Release Date: 12/07/2013 12:45
Code(s): NPN     PDF:  
Wrap Text
Bond Offering by Myriad International Holdings B.V.

Naspers Limited
(Incorporated in the Republic of South Africa)
(Registration number 1925/001431/06)
JSE share code: NPN ISIN: ZAE000015889
LSE ADS code: NPSN ISIN: US 6315121003
(“Naspers”)

NOT FOR DISTRIBUTION OR RELEASE IN OR INTO THE UNITED STATES OF AMERICA, AUSTRALIA, CANADA
OR JAPAN, OR IN ANY OTHER JURISDICTION IN WHICH OFFERS OR SALES WOULD BE PROHIBITED BY
APPLICABLE LAW



         BOND OFFERING BY MYRIAD INTERNATIONAL HOLDINGS B.V. (“MIH B.V.”)

Shareholders are advised that Naspers's indirect wholly owned subsidiary, MIH B.V., on 11 July
2013, successfully priced its US$750m 6% notes due 2020 (the "Bonds").

The Bonds will be fully and unconditionally guaranteed by Naspers. An application has been
made for the admission of the Bonds to listing on the Official List and trading on the Global
Exchange Market of the Irish Stock Exchange.
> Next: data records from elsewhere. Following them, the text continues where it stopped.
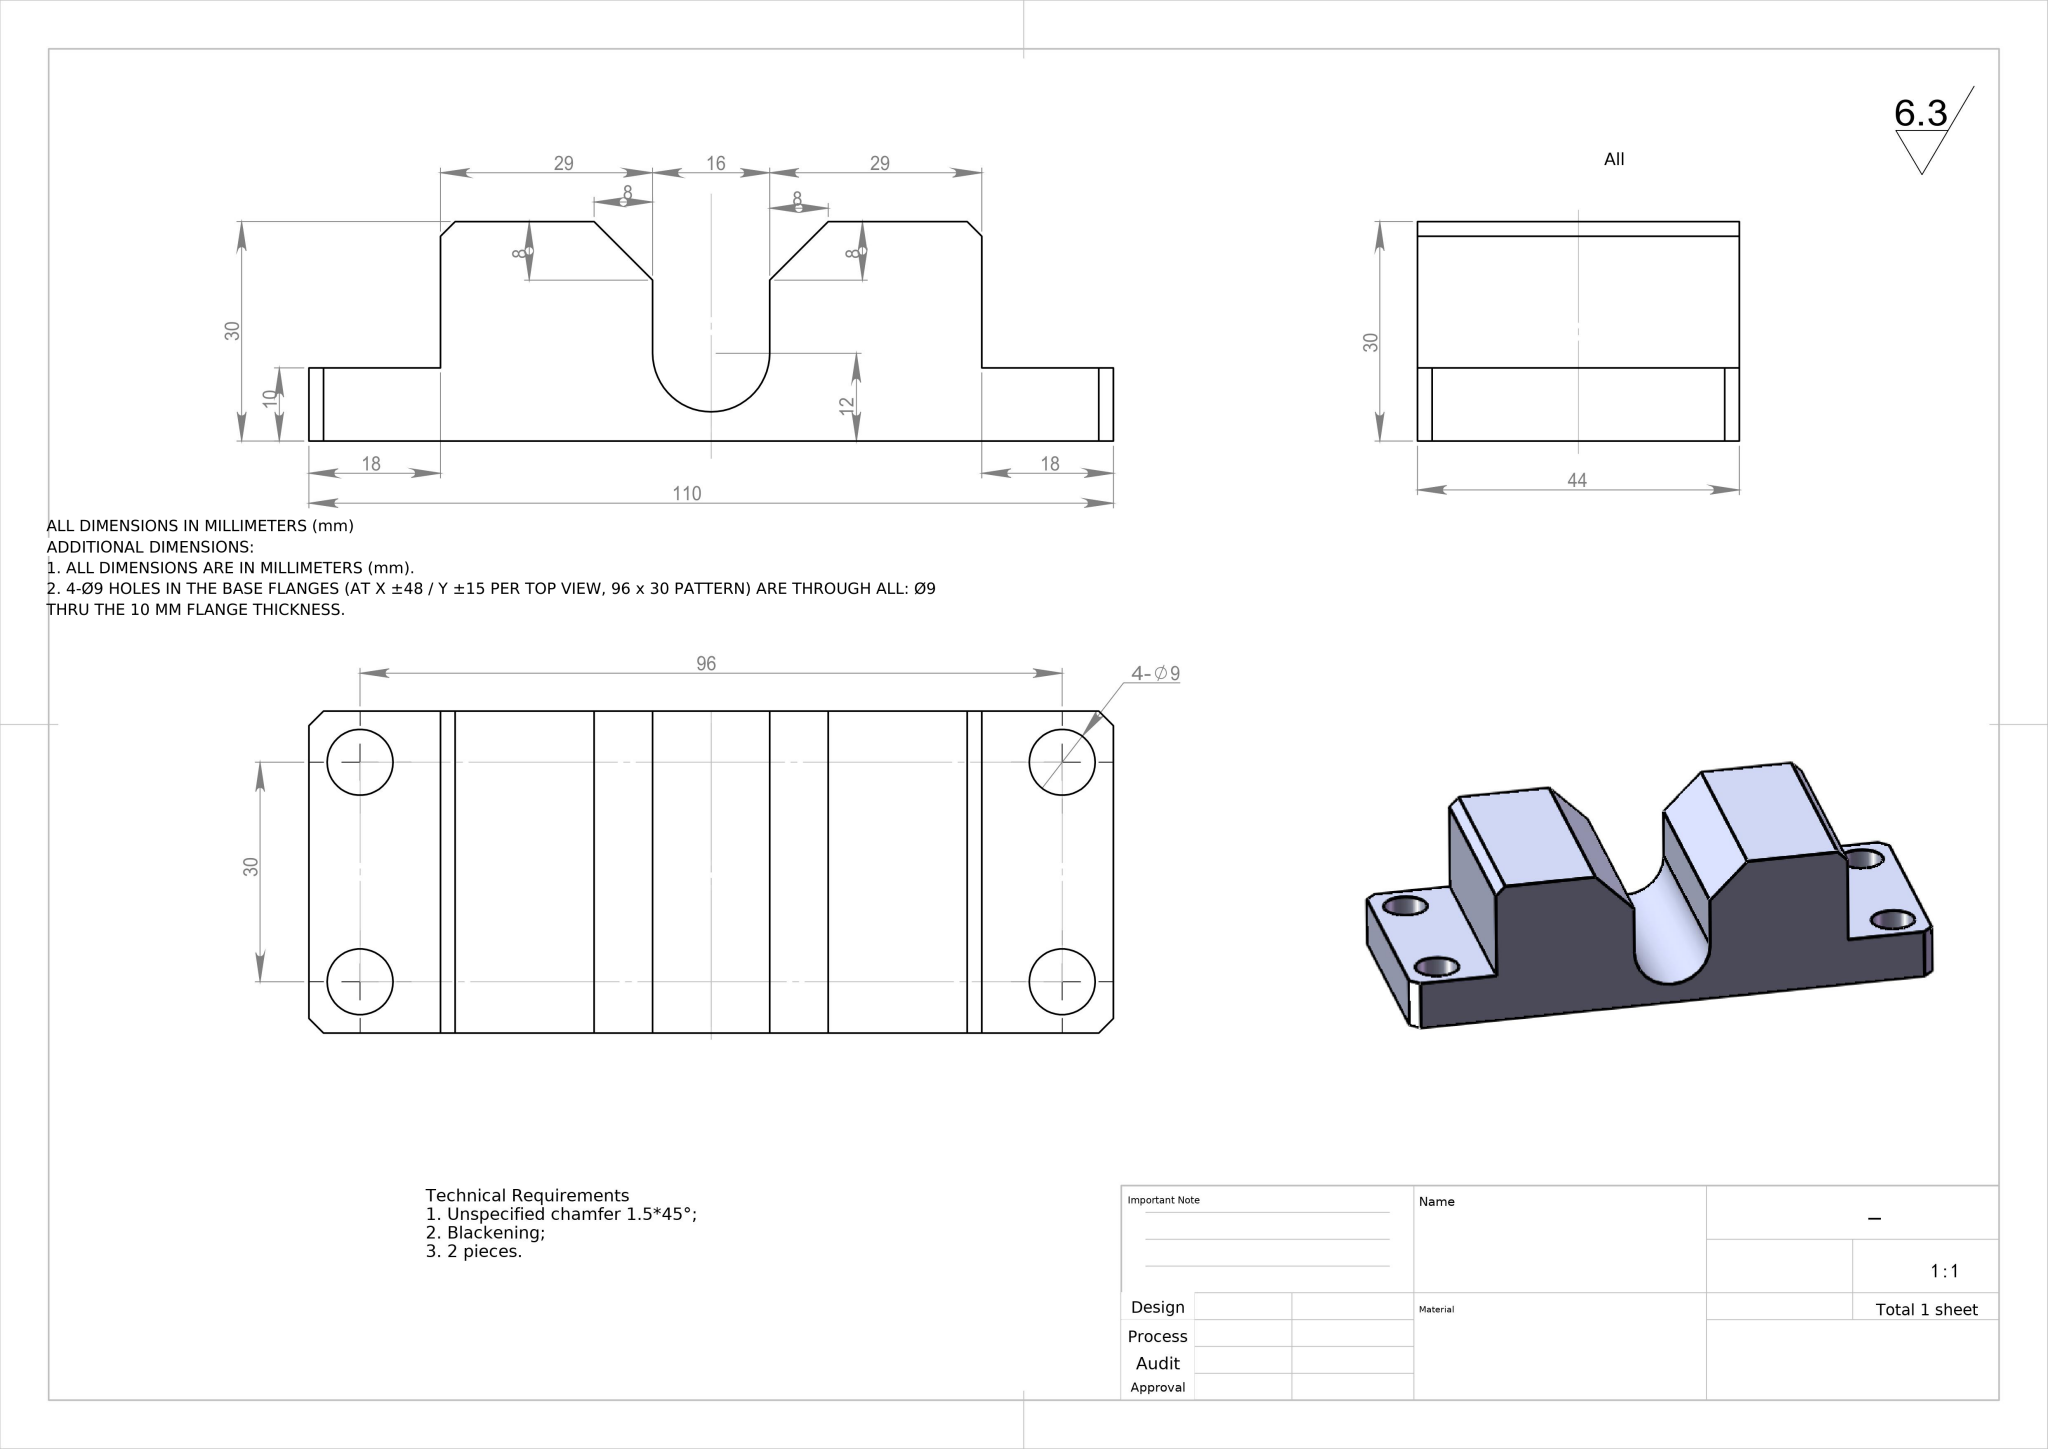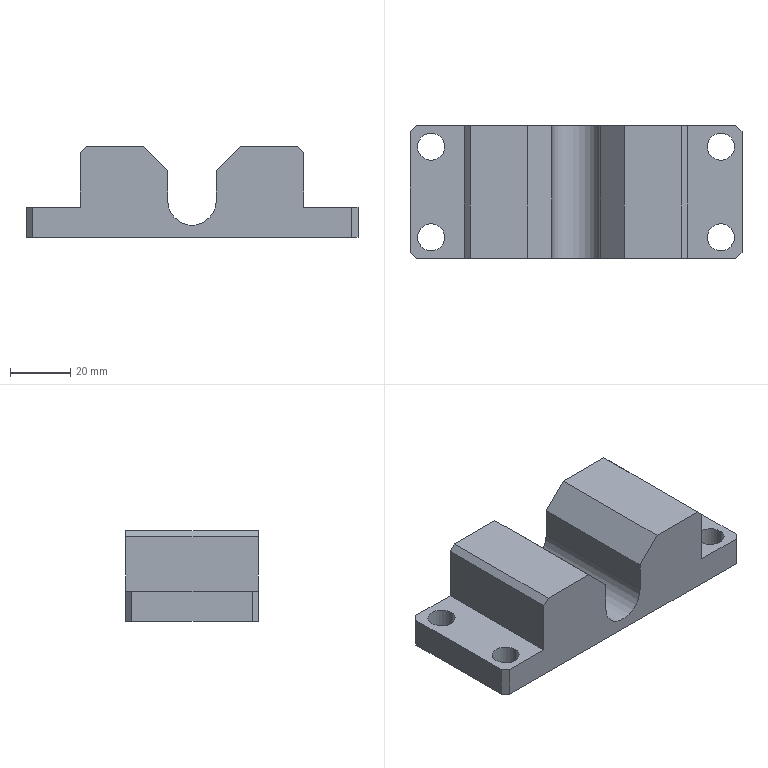Part | NX | mm | Dual-Saddle Tube Mounting Block | 1 solid | 30 faces | box 110 x 44 x 30 mm | volume 90808 mm3 | plane 21 | cylinder 9 | commonest cylinder face diameters 9 x8 16 x1
STEP:
#1=COLOUR_RGB('',0.7961,0.8235,0.9373);
#2=FILL_AREA_STYLE_COLOUR('',#1);
#3=FILL_AREA_STYLE('',(#2));
#4=SURFACE_STYLE_FILL_AREA(#3);
#5=SURFACE_SIDE_STYLE('',(#4));
#6=SURFACE_STYLE_USAGE(.BOTH.,#5);
#7=PRESENTATION_STYLE_ASSIGNMENT((#6));
#8=CARTESIAN_POINT('',(43.5,-15.,0.));
#9=VERTEX_POINT('',#8);
#10=CARTESIAN_POINT('',(52.5,-15.,0.));
#11=VERTEX_POINT('',#10);
#12=CARTESIAN_POINT('',(48.,-15.,0.));
#13=DIRECTION('',(0.,0.,1.));
#14=DIRECTION('',(1.,0.,0.));
#15=AXIS2_PLACEMENT_3D('',#12,#13,#14);
#16=CIRCLE('',#15,4.5);
#17=EDGE_CURVE('',#9,#11,#16,.T.);
#18=ORIENTED_EDGE('',*,*,#17,.F.);
#19=CARTESIAN_POINT('',(43.5,-15.,10.));
#20=VERTEX_POINT('',#19);
#21=CARTESIAN_POINT('',(43.5,-15.,0.));
#22=DIRECTION('',(0.,0.,1.));
#23=VECTOR('',#22,1000.);
#24=LINE('',#21,#23);
#25=EDGE_CURVE('',#9,#20,#24,.T.);
#26=ORIENTED_EDGE('',*,*,#25,.T.);
#27=CARTESIAN_POINT('',(52.5,-15.,10.));
#28=VERTEX_POINT('',#27);
#29=CARTESIAN_POINT('',(48.,-15.,10.));
#30=DIRECTION('',(0.,0.,1.));
#31=DIRECTION('',(-1.,0.,0.));
#32=AXIS2_PLACEMENT_3D('',#29,#30,#31);
#33=CIRCLE('',#32,4.5);
#34=EDGE_CURVE('',#20,#28,#33,.T.);
#35=ORIENTED_EDGE('',*,*,#34,.T.);
#36=CARTESIAN_POINT('',(52.5,-15.,0.));
#37=DIRECTION('',(0.,0.,1.));
#38=VECTOR('',#37,1000.);
#39=LINE('',#36,#38);
#40=EDGE_CURVE('',#11,#28,#39,.T.);
#41=ORIENTED_EDGE('',*,*,#40,.F.);
#42=EDGE_LOOP('',(#18,#26,#35,#41));
#43=FACE_OUTER_BOUND('',#42,.T.);
#44=CARTESIAN_POINT('',(48.,-15.,0.));
#45=DIRECTION('',(0.,0.,1.));
#46=DIRECTION('',(1.,0.,0.));
#47=AXIS2_PLACEMENT_3D('',#44,#45,#46);
#48=CYLINDRICAL_SURFACE('',#47,4.5);
#49=ADVANCED_FACE('',(#43),#48,.F.);
#50=CARTESIAN_POINT('',(43.5,15.,0.));
#51=VERTEX_POINT('',#50);
#52=CARTESIAN_POINT('',(52.5,15.,0.));
#53=VERTEX_POINT('',#52);
#54=CARTESIAN_POINT('',(48.,15.,0.));
#55=DIRECTION('',(0.,0.,1.));
#56=DIRECTION('',(1.,0.,0.));
#57=AXIS2_PLACEMENT_3D('',#54,#55,#56);
#58=CIRCLE('',#57,4.5);
#59=EDGE_CURVE('',#51,#53,#58,.T.);
#60=ORIENTED_EDGE('',*,*,#59,.F.);
#61=CARTESIAN_POINT('',(43.5,15.,10.));
#62=VERTEX_POINT('',#61);
#63=CARTESIAN_POINT('',(43.5,15.,0.));
#64=DIRECTION('',(0.,0.,1.));
#65=VECTOR('',#64,1000.);
#66=LINE('',#63,#65);
#67=EDGE_CURVE('',#51,#62,#66,.T.);
#68=ORIENTED_EDGE('',*,*,#67,.T.);
#69=CARTESIAN_POINT('',(52.5,15.,10.));
#70=VERTEX_POINT('',#69);
#71=CARTESIAN_POINT('',(48.,15.,10.));
#72=DIRECTION('',(0.,0.,1.));
#73=DIRECTION('',(-1.,0.,0.));
#74=AXIS2_PLACEMENT_3D('',#71,#72,#73);
#75=CIRCLE('',#74,4.5);
#76=EDGE_CURVE('',#62,#70,#75,.T.);
#77=ORIENTED_EDGE('',*,*,#76,.T.);
#78=CARTESIAN_POINT('',(52.5,15.,0.));
#79=DIRECTION('',(0.,0.,1.));
#80=VECTOR('',#79,1000.);
#81=LINE('',#78,#80);
#82=EDGE_CURVE('',#53,#70,#81,.T.);
#83=ORIENTED_EDGE('',*,*,#82,.F.);
#84=EDGE_LOOP('',(#60,#68,#77,#83));
#85=FACE_OUTER_BOUND('',#84,.T.);
#86=CARTESIAN_POINT('',(48.,15.,0.));
#87=DIRECTION('',(0.,0.,1.));
#88=DIRECTION('',(1.,0.,0.));
#89=AXIS2_PLACEMENT_3D('',#86,#87,#88);
#90=CYLINDRICAL_SURFACE('',#89,4.5);
#91=ADVANCED_FACE('',(#85),#90,.F.);
#92=CARTESIAN_POINT('',(-52.5,15.,0.));
#93=VERTEX_POINT('',#92);
#94=CARTESIAN_POINT('',(-43.5,15.,0.));
#95=VERTEX_POINT('',#94);
#96=CARTESIAN_POINT('',(-48.,15.,0.));
#97=DIRECTION('',(0.,0.,1.));
#98=DIRECTION('',(1.,0.,0.));
#99=AXIS2_PLACEMENT_3D('',#96,#97,#98);
#100=CIRCLE('',#99,4.5);
#101=EDGE_CURVE('',#93,#95,#100,.T.);
#102=ORIENTED_EDGE('',*,*,#101,.F.);
#103=CARTESIAN_POINT('',(-52.5,15.,10.));
#104=VERTEX_POINT('',#103);
#105=CARTESIAN_POINT('',(-52.5,15.,0.));
#106=DIRECTION('',(0.,0.,1.));
#107=VECTOR('',#106,1000.);
#108=LINE('',#105,#107);
#109=EDGE_CURVE('',#93,#104,#108,.T.);
#110=ORIENTED_EDGE('',*,*,#109,.T.);
#111=CARTESIAN_POINT('',(-43.5,15.,10.));
#112=VERTEX_POINT('',#111);
#113=CARTESIAN_POINT('',(-48.,15.,10.));
#114=DIRECTION('',(0.,0.,-1.));
#115=DIRECTION('',(1.,0.,0.));
#116=AXIS2_PLACEMENT_3D('',#113,#114,#115);
#117=CIRCLE('',#116,4.5);
#118=EDGE_CURVE('',#112,#104,#117,.T.);
#119=ORIENTED_EDGE('',*,*,#118,.F.);
#120=CARTESIAN_POINT('',(-43.5,15.,0.));
#121=DIRECTION('',(0.,0.,1.));
#122=VECTOR('',#121,1000.);
#123=LINE('',#120,#122);
#124=EDGE_CURVE('',#95,#112,#123,.T.);
#125=ORIENTED_EDGE('',*,*,#124,.F.);
#126=EDGE_LOOP('',(#102,#110,#119,#125));
#127=FACE_OUTER_BOUND('',#126,.T.);
#128=CARTESIAN_POINT('',(-48.,15.,0.));
#129=DIRECTION('',(0.,0.,1.));
#130=DIRECTION('',(1.,0.,0.));
#131=AXIS2_PLACEMENT_3D('',#128,#129,#130);
#132=CYLINDRICAL_SURFACE('',#131,4.5);
#133=ADVANCED_FACE('',(#127),#132,.F.);
#134=CARTESIAN_POINT('',(-52.5,-15.,0.));
#135=VERTEX_POINT('',#134);
#136=CARTESIAN_POINT('',(-43.5,-15.,0.));
#137=VERTEX_POINT('',#136);
#138=CARTESIAN_POINT('',(-48.,-15.,0.));
#139=DIRECTION('',(0.,0.,1.));
#140=DIRECTION('',(1.,0.,0.));
#141=AXIS2_PLACEMENT_3D('',#138,#139,#140);
#142=CIRCLE('',#141,4.5);
#143=EDGE_CURVE('',#135,#137,#142,.T.);
#144=ORIENTED_EDGE('',*,*,#143,.F.);
#145=CARTESIAN_POINT('',(-52.5,-15.,10.));
#146=VERTEX_POINT('',#145);
#147=CARTESIAN_POINT('',(-52.5,-15.,0.));
#148=DIRECTION('',(0.,0.,1.));
#149=VECTOR('',#148,1000.);
#150=LINE('',#147,#149);
#151=EDGE_CURVE('',#135,#146,#150,.T.);
#152=ORIENTED_EDGE('',*,*,#151,.T.);
#153=CARTESIAN_POINT('',(-43.5,-15.,10.));
#154=VERTEX_POINT('',#153);
#155=CARTESIAN_POINT('',(-48.,-15.,10.));
#156=DIRECTION('',(0.,0.,-1.));
#157=DIRECTION('',(1.,0.,0.));
#158=AXIS2_PLACEMENT_3D('',#155,#156,#157);
#159=CIRCLE('',#158,4.5);
#160=EDGE_CURVE('',#154,#146,#159,.T.);
#161=ORIENTED_EDGE('',*,*,#160,.F.);
#162=CARTESIAN_POINT('',(-43.5,-15.,0.));
#163=DIRECTION('',(0.,0.,1.));
#164=VECTOR('',#163,1000.);
#165=LINE('',#162,#164);
#166=EDGE_CURVE('',#137,#154,#165,.T.);
#167=ORIENTED_EDGE('',*,*,#166,.F.);
#168=EDGE_LOOP('',(#144,#152,#161,#167));
#169=FACE_OUTER_BOUND('',#168,.T.);
#170=CARTESIAN_POINT('',(-48.,-15.,0.));
#171=DIRECTION('',(0.,0.,1.));
#172=DIRECTION('',(1.,0.,0.));
#173=AXIS2_PLACEMENT_3D('',#170,#171,#172);
#174=CYLINDRICAL_SURFACE('',#173,4.5);
#175=ADVANCED_FACE('',(#169),#174,.F.);
#176=CARTESIAN_POINT('',(-55.,20.,10.));
#177=VERTEX_POINT('',#176);
#178=CARTESIAN_POINT('',(-55.,-20.,10.));
#179=VERTEX_POINT('',#178);
#180=CARTESIAN_POINT('',(-55.,22.,10.));
#181=DIRECTION('',(0.,-1.,0.));
#182=VECTOR('',#181,1000.);
#183=LINE('',#180,#182);
#184=EDGE_CURVE('',#177,#179,#183,.T.);
#185=ORIENTED_EDGE('',*,*,#184,.F.);
#186=CARTESIAN_POINT('',(-55.,20.,0.));
#187=VERTEX_POINT('',#186);
#188=CARTESIAN_POINT('',(-55.,20.,30.));
#189=DIRECTION('',(0.,0.,-1.));
#190=VECTOR('',#189,1000.);
#191=LINE('',#188,#190);
#192=EDGE_CURVE('',#177,#187,#191,.T.);
#193=ORIENTED_EDGE('',*,*,#192,.T.);
#194=CARTESIAN_POINT('',(-55.,-20.,0.));
#195=VERTEX_POINT('',#194);
#196=CARTESIAN_POINT('',(-55.,22.,0.));
#197=DIRECTION('',(-0.,-1.,0.));
#198=VECTOR('',#197,1000.);
#199=LINE('',#196,#198);
#200=EDGE_CURVE('',#187,#195,#199,.T.);
#201=ORIENTED_EDGE('',*,*,#200,.T.);
#202=CARTESIAN_POINT('',(-55.,-20.,30.));
#203=DIRECTION('',(0.,0.,1.));
#204=VECTOR('',#203,1000.);
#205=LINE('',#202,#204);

The net proceeds will be used for general corporate purposes, including future acquisitions and
the repayment of certain amounts outstanding under the Naspers group's revolving credit
facilities.


CAPE TOWN

12 July 2013
Sponsor
Investec Bank Limited


Contact

For further information, please contact:

Meloy Horn                                                            Steve Pacak
Head of Investor Relations                                            Group Chief Financial Officer
Naspers                                                               Naspers
+27 11 289 3320                                                       +27 21 406 3585
+27 82 772 7123                                                       +27 83 2 500 006
Meloy.horn@naspers.com                                                spacak@naspers.com


Cautionary Statement

The Notes will be offered in a private placement only to qualified institutional buyers pursuant to Rule 144A and to non-U.S. persons
outside the United States pursuant to Regulation S under the U.S. Securities Act of 1933, as amended (the “Securities Act”), subject to
prevailing market and other conditions. There is no assurance that the offering will be completed or, if completed, as to the terms on
which it is completed. The Notes to be offered have not been registered under the Securities Act or the securities laws of any other
jurisdiction and may not be offered or sold in the United States absent registration or unless pursuant to an applicable exemption from
the registration requirements of the Securities Act and any other applicable securities laws. This press release is for information
purposes only and does not constitute an offer to sell or the solicitation of an offer to buy the Notes, nor shall it constitute an offer,
solicitation or sale in any jurisdiction in which such offer, solicitation or sale would be unlawful.
This press release does not constitute and shall not, in any circumstances, constitute a public offering nor an invitation to the public in
connection with any offer within the meaning of the Directive 2010/73/EU of the Parliament and Council of November 4, 2003 as
implemented by the Member States of the European Economic Area (the “Prospectus Directive”). Any offer and sale of the notes will
be made pursuant to an exemption under the Prospectus Directive, as implemented in Member States of the European Economic Area,
from the requirement to produce a prospectus for offers of securities.

This press release may include projections and other “forward-looking” statements within the meaning of applicable securities laws.
Any such projections or statements reflect the current views of Naspers about further events and financial performance. No assurances
can be given that such events or performance will occur as projected and actual results may differ materially from these projections.